Beim Großangriff auf drei Titel könnte aber ausgerechnet Kahn zum Bayern-Risiko werden. Beim achten Saisontor von Kuranyi lieferte der Nationaltorhüter die «Vorlage», als er einen Schuss von Cacau von der Brust abprallen ließ. Kahn suchte wie schon nach seinem Patzer in der Champions League beim 0:1 gegen Juventus Turin wortlos das Weite. Dafür überraschte Magath mit der Auskunft, sein Kapitän habe den Patzer «ganz ruhig und gelassen» hingenommen. Während «Oldie» Kahn schwächelt, trumpft Youngster Guerrero auf: 172 Bundesliga-Minuten benötigte er für seine fünf Treffer - im Schnitt schlägt er alle 34 Minuten zu: «Das Tor war sehr wichtig.
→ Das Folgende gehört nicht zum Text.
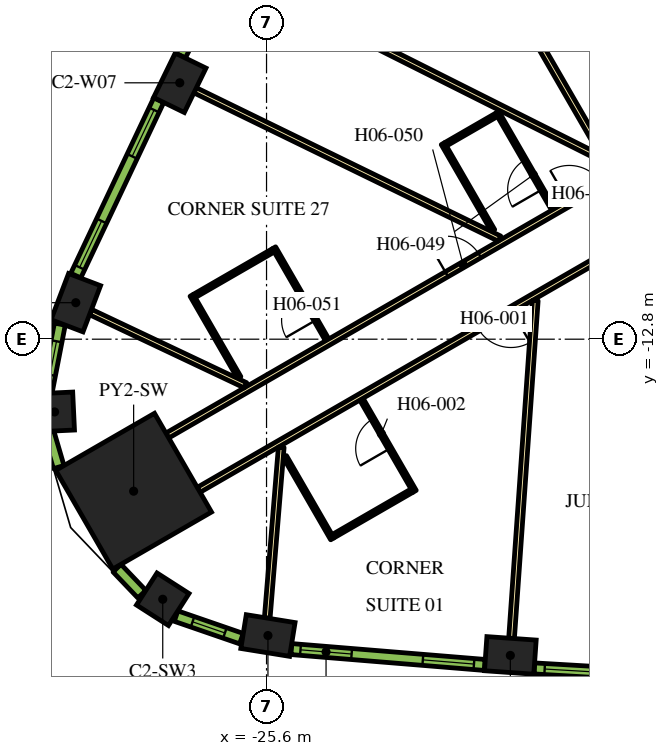
"""IFC4 building model, lengths in metres.
Left out: names, types, materials, properties, quantities, classifications, styles, units other than length and angle.
Written with IfcOpenShell. Run it as: python <this file> out.ifc"""

import sys

from ifc_helpers import new_model, si_unit, direction, frame, frame_2d, origin, origin_2d, place, context, subcontext, project, spatial, rectangle, extrude, element, fill, save


model = new_model("IFC4")
c1 = context("Model", 3, precision=1e-05, world=origin(), true_north=direction((0.0, 1.0)))
c2 = subcontext(c1, "Body", "Model", "MODEL_VIEW")
j1 = project(units=[si_unit("LENGTHUNIT", "METRE"), si_unit("PLANEANGLEUNIT", "RADIAN")], contexts=[c1])
p1 = place(None, origin())
s1 = spatial("IfcSite", under=j1, at=p1, CompositionType="ELEMENT")
p2 = place(p1, origin())
s2 = spatial("IfcBuilding", under=s1, at=p2, CompositionType="ELEMENT")
p3 = place(p2, frame((0.0, 0.0, 87.6)))
s3 = spatial("IfcBuildingStorey", under=s2, at=p3, CompositionType="ELEMENT", Elevation=87.6)
p4 = place(p3, frame((-29.097, -16.799, 0.0), z_axis=(0.0, 0.0, 1.0), x_axis=(-0.866025403784, -0.5, 0.0)))
e1 = element("IfcColumn", 1, at=p4, inside=s3, PredefinedType="COLUMN", context=c2, shape_type="SweptSolid", body=[
    extrude(rectangle(XDim=3.0, YDim=3.0, at=origin_2d()), origin(), (0.0, 0.0, 1.0), 3.9),
])
for number, where, z_axis, x_axis in (
    (2, (-25.563, -20.597, 0.0), (0.0, 0.0, 1.0), (0.987, -0.159, 0.0)),
    (3, (-19.184, -21.12, 0.0), (0.0, 0.0, 1.0), (0.998, -0.07, 0.0)),
    (4, (-27.883, -6.054, 0.0), (0.0, 0.0, 1.0), (-0.438, -0.899, 0.0)),
    (5, (-30.619, -11.839, 0.0), (0.0, 0.0, 1.0), (-0.355, -0.935, 0.0)),
):
    element("IfcColumn", number, at=place(p3, frame(where, z_axis=z_axis, x_axis=x_axis)), inside=s3, PredefinedType="COLUMN", context=c2, shape_type="SweptSolid", body=[
        extrude(rectangle(XDim=1.3, YDim=0.9, at=origin_2d()), origin(), (0.0, 0.0, 1.0), 3.9),
    ])
for number, where, z_axis, x_axis in (
    (6, (-31.177, -14.714, 0.0), (0.0, 0.0, 1.0), (0.047, -0.999, 0.0)),
    (7, (-28.331, -19.643, 0.0), (0.0, 0.0, 1.0), (0.842, -0.54, 0.0)),
):
    element("IfcColumn", number, at=place(p3, frame(where, z_axis=z_axis, x_axis=x_axis)), inside=s3, PredefinedType="COLUMN", context=c2, shape_type="SweptSolid", body=[
        extrude(rectangle(XDim=1.0, YDim=1.0, at=origin_2d()), origin(), (0.0, 0.0, 1.0), 3.9),
    ])
p5 = place(p3, frame((-12.134, -11.883, 0.0), z_axis=(0.0, 0.0, 1.0), x_axis=(-0.500005339912, 0.866022320763, 0.0)))
e8 = element("IfcWall", 8, at=p5, inside=s3, PredefinedType="SOLIDWALL", context=c2, shape_type="SweptSolid", body=[
    extrude(rectangle(XDim=9.488, YDim=0.9, at=frame_2d((4.744, 0.0))), origin(), (0.0, 0.0, 1.0), 3.9),
])
p6 = place(p3, frame((-16.412, -8.523, 0.0), z_axis=(0.0, 0.0, 1.0), x_axis=(-0.500001929737, 0.866024289647, 0.0)))
e9 = element("IfcWall", 9, at=p6, inside=s3, PredefinedType="PARTITIONING", context=c2, shape_type="SweptSolid", body=[
    extrude(rectangle(XDim=5.268, YDim=0.15, at=frame_2d((2.634, 0.0))), origin(), (0.0, 0.0, 1.0), 2.75),
])
p7 = place(p3, frame((-28.211, -15.335, 0.0), z_axis=(0.0, 0.0, 1.0), x_axis=(0.866025884867, 0.49999916674, 0.0)))
e10 = element("IfcWall", 10, at=p7, inside=s3, PredefinedType="PARTITIONING", context=c2, shape_type="SweptSolid", body=[
    extrude(rectangle(XDim=13.543, YDim=0.15, at=frame_2d((6.772, 0.0))), origin(), (0.0, 0.0, 1.0), 2.75),
])
p8 = place(p7, frame((12.214, 0.0, 0.0)))
e11 = element("IfcOpeningElement", 11, at=p8, cuts=e10, PredefinedType="OPENING", context=c2, shape_type="SweptSolid", body=[
    extrude(rectangle(XDim=1.0, YDim=2.1, at=frame_2d((0.5, 1.05))), frame((0.0, 0.085, 0.0), z_axis=(0.0, -1.0, 0.0), x_axis=(1.0, 0.0, 0.0)), (0.0, 0.0, 1.0), 0.17),
])
p9 = place(p7, frame((8.488, 0.0, 0.0)))
e12 = element("IfcOpeningElement", 12, at=p9, cuts=e10, PredefinedType="OPENING", context=c2, shape_type="SweptSolid", body=[
    extrude(rectangle(XDim=1.0, YDim=2.1, at=frame_2d((0.5, 1.05))), frame((0.0, 0.085, 0.0), z_axis=(0.0, -1.0, 0.0), x_axis=(1.0, 0.0, 0.0)), (0.0, 0.0, 1.0), 0.17),
])
p10 = place(p3, frame((-15.587, -9.952, 0.0), z_axis=(0.0, 0.0, 1.0), x_axis=(-0.866017869832, -0.500013048961, 0.0)))
e13 = element("IfcWall", 13, at=p10, inside=s3, PredefinedType="PARTITIONING", context=c2, shape_type="SweptSolid", body=[
    extrude(rectangle(XDim=13.624, YDim=0.15, at=frame_2d((6.812, 0.0))), origin(), (0.0, 0.0, 1.0), 2.75),
])
p11 = place(p10, frame((4.134, 0.0, 0.0)))
e14 = element("IfcOpeningElement", 14, at=p11, cuts=e13, PredefinedType="OPENING", context=c2, shape_type="SweptSolid", body=[
    extrude(rectangle(XDim=1.0, YDim=2.1, at=frame_2d((0.5, 1.05))), frame((0.0, 0.085, 0.0), z_axis=(0.0, -1.0, 0.0), x_axis=(1.0, 0.0, 0.0)), (0.0, 0.0, 1.0), 0.17),
])
p12 = place(p3, frame((-30.231, -12.085, 0.0), z_axis=(0.0, 0.0, 1.0), x_axis=(0.904001132572, -0.427530060122, 0.0)))
e15 = element("IfcWall", 15, at=p12, inside=s3, PredefinedType="PARTITIONING", context=c2, shape_type="SweptSolid", body=[
    extrude(rectangle(XDim=4.51, YDim=0.15, at=frame_2d((2.255, 0.0))), origin(), (0.0, 0.0, 1.0), 2.75),
])
p13 = place(p3, frame((-25.582, -20.138, 0.0), z_axis=(0.0, 0.0, 1.0), x_axis=(0.081746132986, 0.996653184283, 0.0)))
e16 = element("IfcWall", 16, at=p13, inside=s3, PredefinedType="PARTITIONING", context=c2, shape_type="SweptSolid", body=[
    extrude(rectangle(XDim=4.51, YDim=0.15, at=frame_2d((2.255, 0.0))), origin(), (0.0, 0.0, 1.0), 2.75),
])
p14 = place(p3, frame((-27.479, -6.251, 0.0), z_axis=(0.0, 0.0, 1.0), x_axis=(0.898945877276, -0.438059710231, 0.0)))
e17 = element("IfcWall", 17, at=p14, inside=s3, PredefinedType="PARTITIONING", context=c2, shape_type="SweptSolid", body=[
    extrude(rectangle(XDim=8.909, YDim=0.15, at=frame_2d((4.455, 0.0))), origin(), (0.0, 0.0, 1.0), 2.75),
])
p15 = place(p3, frame((-19.153, -20.671, 0.0), z_axis=(0.0, 0.0, 1.0), x_axis=(0.070070736723, 0.997542025107, 0.0)))
e18 = element("IfcWall", 18, at=p15, inside=s3, PredefinedType="PARTITIONING", context=c2, shape_type="SweptSolid", body=[
    extrude(rectangle(XDim=8.909, YDim=0.15, at=frame_2d((4.455, 0.0))), origin(), (0.0, 0.0, 1.0), 2.75),
])
p16 = place(p3, frame((-26.591, -3.122, 0.0), z_axis=(0.0, 0.0, 1.0), x_axis=(0.893766213273, -0.448533115847, 0.0)))
e19 = element("IfcWall", 19, at=p16, inside=s3, PredefinedType="PARTITIONING", context=c2, shape_type="SweptSolid", body=[
    extrude(rectangle(XDim=10.875, YDim=0.15, at=frame_2d((5.438, 0.0))), origin(), (0.0, 0.0, 1.0), 2.75),
])
p17 = place(p3, frame((-21.704, -16.803, 0.0), z_axis=(0.0, 0.0, 1.0), x_axis=(-0.500049511043, 0.865996816683, 0.0)))
e20 = element("IfcWall", 20, at=p17, inside=s3, PredefinedType="PARTITIONING", context=c2, shape_type="SweptSolid", body=[
    extrude(rectangle(XDim=2.8, YDim=0.1, at=frame_2d((1.4, 0.0))), origin(), (0.0, 0.0, 1.0), 2.75),
])
p18 = place(p17, frame((1.3, 0.0, 0.0)))
e21 = element("IfcOpeningElement", 21, at=p18, cuts=e20, PredefinedType="OPENING", context=c2, shape_type="SweptSolid", body=[
    extrude(rectangle(XDim=0.9, YDim=2.1, at=frame_2d((0.45, 1.05))), frame((0.0, 0.06, 0.0), z_axis=(0.0, -1.0, 0.0), x_axis=(1.0, 0.0, 0.0)), (0.0, 0.0, 1.0), 0.12),
])
p19 = place(p3, frame((-21.772, -16.785, 0.0), z_axis=(0.0, 0.0, 1.0), x_axis=(-0.866024647952, -0.500001309137, 0.0)))
e22 = element("IfcWall", 22, at=p19, inside=s3, PredefinedType="PARTITIONING", context=c2, shape_type="SweptSolid", body=[
    extrude(rectangle(XDim=2.4, YDim=0.1, at=frame_2d((1.2, 0.0))), origin(), (0.0, 0.0, 1.0), 2.75),
])
p20 = place(p3, frame((-25.119, -15.888, 0.0), z_axis=(0.0, 0.0, 1.0), x_axis=(0.500046524342, -0.865998541277, 0.0)))
e23 = element("IfcWall", 23, at=p20, inside=s3, PredefinedType="PARTITIONING", context=c2, shape_type="SweptSolid", body=[
    extrude(rectangle(XDim=2.5, YDim=0.1, at=frame_2d((1.25, 0.0))), origin(), (0.0, 0.0, 1.0), 2.75),
])
p21 = place(p3, frame((-18.055, -9.385, 0.0), z_axis=(0.0, 0.0, 1.0), x_axis=(-0.499939757307, 0.866060182126, 0.0)))
e24 = element("IfcWall", 24, at=p21, inside=s3, PredefinedType="PARTITIONING", context=c2, shape_type="SweptSolid", body=[
    extrude(rectangle(XDim=2.95, YDim=0.1, at=frame_2d((1.475, 0.0))), origin(), (0.0, 0.0, 1.0), 2.75),
])
p22 = place(p21, frame((0.6, 0.0, 0.0)))
e25 = element("IfcOpeningElement", 25, at=p22, cuts=e24, PredefinedType="OPENING", context=c2, shape_type="SweptSolid", body=[
    extrude(rectangle(XDim=0.9, YDim=2.1, at=frame_2d((0.45, 1.05))), frame((0.0, 0.06, 0.0), z_axis=(0.0, -1.0, 0.0), x_axis=(1.0, 0.0, 0.0)), (0.0, 0.0, 1.0), 0.12),
])
p23 = place(p3, frame((-19.549, -6.898, 0.0), z_axis=(0.0, 0.0, 1.0), x_axis=(-0.866043940782, -0.499967891604, 0.0)))
e26 = element("IfcWall", 26, at=p23, inside=s3, PredefinedType="PARTITIONING", context=c2, shape_type="SweptSolid", body=[
    extrude(rectangle(XDim=1.55, YDim=0.1, at=frame_2d((0.775, 0.0))), origin(), (0.0, 0.0, 1.0), 2.75),
])
p24 = place(p3, frame((-19.639, -9.941, 0.0), z_axis=(0.0, 0.0, 1.0), x_axis=(-0.499938597367, 0.866060851709, 0.0)))
e27 = element("IfcWall", 27, at=p24, inside=s3, PredefinedType="PARTITIONING", context=c2, shape_type="SweptSolid", body=[
    extrude(rectangle(XDim=2.64, YDim=0.1, at=frame_2d((1.32, 0.0))), origin(), (0.0, 0.0, 1.0), 2.75),
])
p25 = place(p3, frame((-24.004, -12.82, 0.0), z_axis=(0.0, 0.0, 1.0), x_axis=(-0.500011755427, 0.866018616679, 0.0)))
e28 = element("IfcWall", 28, at=p25, inside=s3, PredefinedType="PARTITIONING", context=c2, shape_type="SweptSolid", body=[
    extrude(rectangle(XDim=2.8, YDim=0.1, at=frame_2d((1.4, 0.0))), origin(), (0.0, 0.0, 1.0), 2.75),
])
p26 = place(p25, frame((0.6, 0.0, 0.0)))
e29 = element("IfcOpeningElement", 29, at=p26, cuts=e28, PredefinedType="OPENING", context=c2, shape_type="SweptSolid", body=[
    extrude(rectangle(XDim=0.9, YDim=2.1, at=frame_2d((0.45, 1.05))), frame((0.0, 0.06, 0.0), z_axis=(0.0, -1.0, 0.0), x_axis=(1.0, 0.0, 0.0)), (0.0, 0.0, 1.0), 0.12),
])
p27 = place(p3, frame((-25.422, -10.463, 0.0), z_axis=(0.0, 0.0, 1.0), x_axis=(-0.866024647952, -0.500001309137, 0.0)))
e30 = element("IfcWall", 30, at=p27, inside=s3, PredefinedType="PARTITIONING", context=c2, shape_type="SweptSolid", body=[
    extrude(rectangle(XDim=2.4, YDim=0.1, at=frame_2d((1.2, 0.0))), origin(), (0.0, 0.0, 1.0), 2.75),
])
p28 = place(p3, frame((-26.319, -13.81, 0.0), z_axis=(0.0, 0.0, 1.0), x_axis=(-0.499961950354, 0.866047370643, 0.0)))
e31 = element("IfcWall", 31, at=p28, inside=s3, PredefinedType="PARTITIONING", context=c2, shape_type="SweptSolid", body=[
    extrude(rectangle(XDim=2.5, YDim=0.1, at=frame_2d((1.25, 0.0))), origin(), (0.0, 0.0, 1.0), 2.75),
])
p29 = place(p3, frame((-24.946, -20.954, 0.0), z_axis=(0.0, 0.0, 1.0), x_axis=(0.99665273362, -0.081751627308, 0.0)))
e32 = element("IfcWall", 32, at=p29, inside=s3, PredefinedType="SOLIDWALL", context=c2, shape_type="SweptSolid", body=[
    extrude(rectangle(XDim=5.107, YDim=0.29, at=frame_2d((2.553, 0.0))), origin(), (0.0, 0.0, 1.0), 3.65),
])
p30 = place(p29, frame((0.24, 0.0, 0.9)))
e33 = element("IfcOpeningElement", 33, at=p30, cuts=e32, PredefinedType="OPENING", context=c2, shape_type="SweptSolid", body=[
    extrude(rectangle(XDim=1.35, YDim=2.15, at=frame_2d((0.675, 1.075))), frame((0.0, 0.155, 0.0), z_axis=(0.0, -1.0, 0.0), x_axis=(1.0, 0.0, 0.0)), (0.0, 0.0, 1.0), 0.31),
])
p31 = place(p29, frame((3.471, 0.0, 0.9)))
e34 = element("IfcOpeningElement", 34, at=p31, cuts=e32, PredefinedType="OPENING", context=c2, shape_type="SweptSolid", body=[
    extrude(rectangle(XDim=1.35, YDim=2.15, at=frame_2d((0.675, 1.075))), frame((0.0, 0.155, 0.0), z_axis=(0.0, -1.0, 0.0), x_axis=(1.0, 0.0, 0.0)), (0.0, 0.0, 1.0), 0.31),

Ich stand genau richtig.»

Alles richtig gemacht hatten lange Zeit auch der VfB und Trainer Matthias Sammer. Seine Taktik, nach dem Ausfall von Soldo und Fernando Meira in der Abwehr eine Dreierkette aufzubieten und das Mittelfeld personell zu verstärken, erwies sich als kluger Schachzug. «Wir haben das System geändert. Die Mannschaft hat das gut gemacht. Wenn wir gewonnen hätten, wäre es super gewesen», meinte Sammer.

Anders als einen Monat zuvor beim desaströsen 0:3 im DFB-Pokal, ging sein Team vor dem letzten UEFA-Cup-Gruppenspiel am Mittwoch gegen Dinamo Zagreb sehr aggressiv und zielstrebig zur Sache. Knackpunkt für die zwei verlorenen Punkte war für Sammer die verletzungsbedingte Auswechslung des starken Alexander Hleb nach einem Foul von Owen Hargreaves, das seiner Ansicht nach «dunkelgelb bis hellrot» war (77.). Die Bayern-Jagd will der VfB-Coach aber nach der Winterpause fortsetzen: «Es ist nicht so weit nach ganz oben.»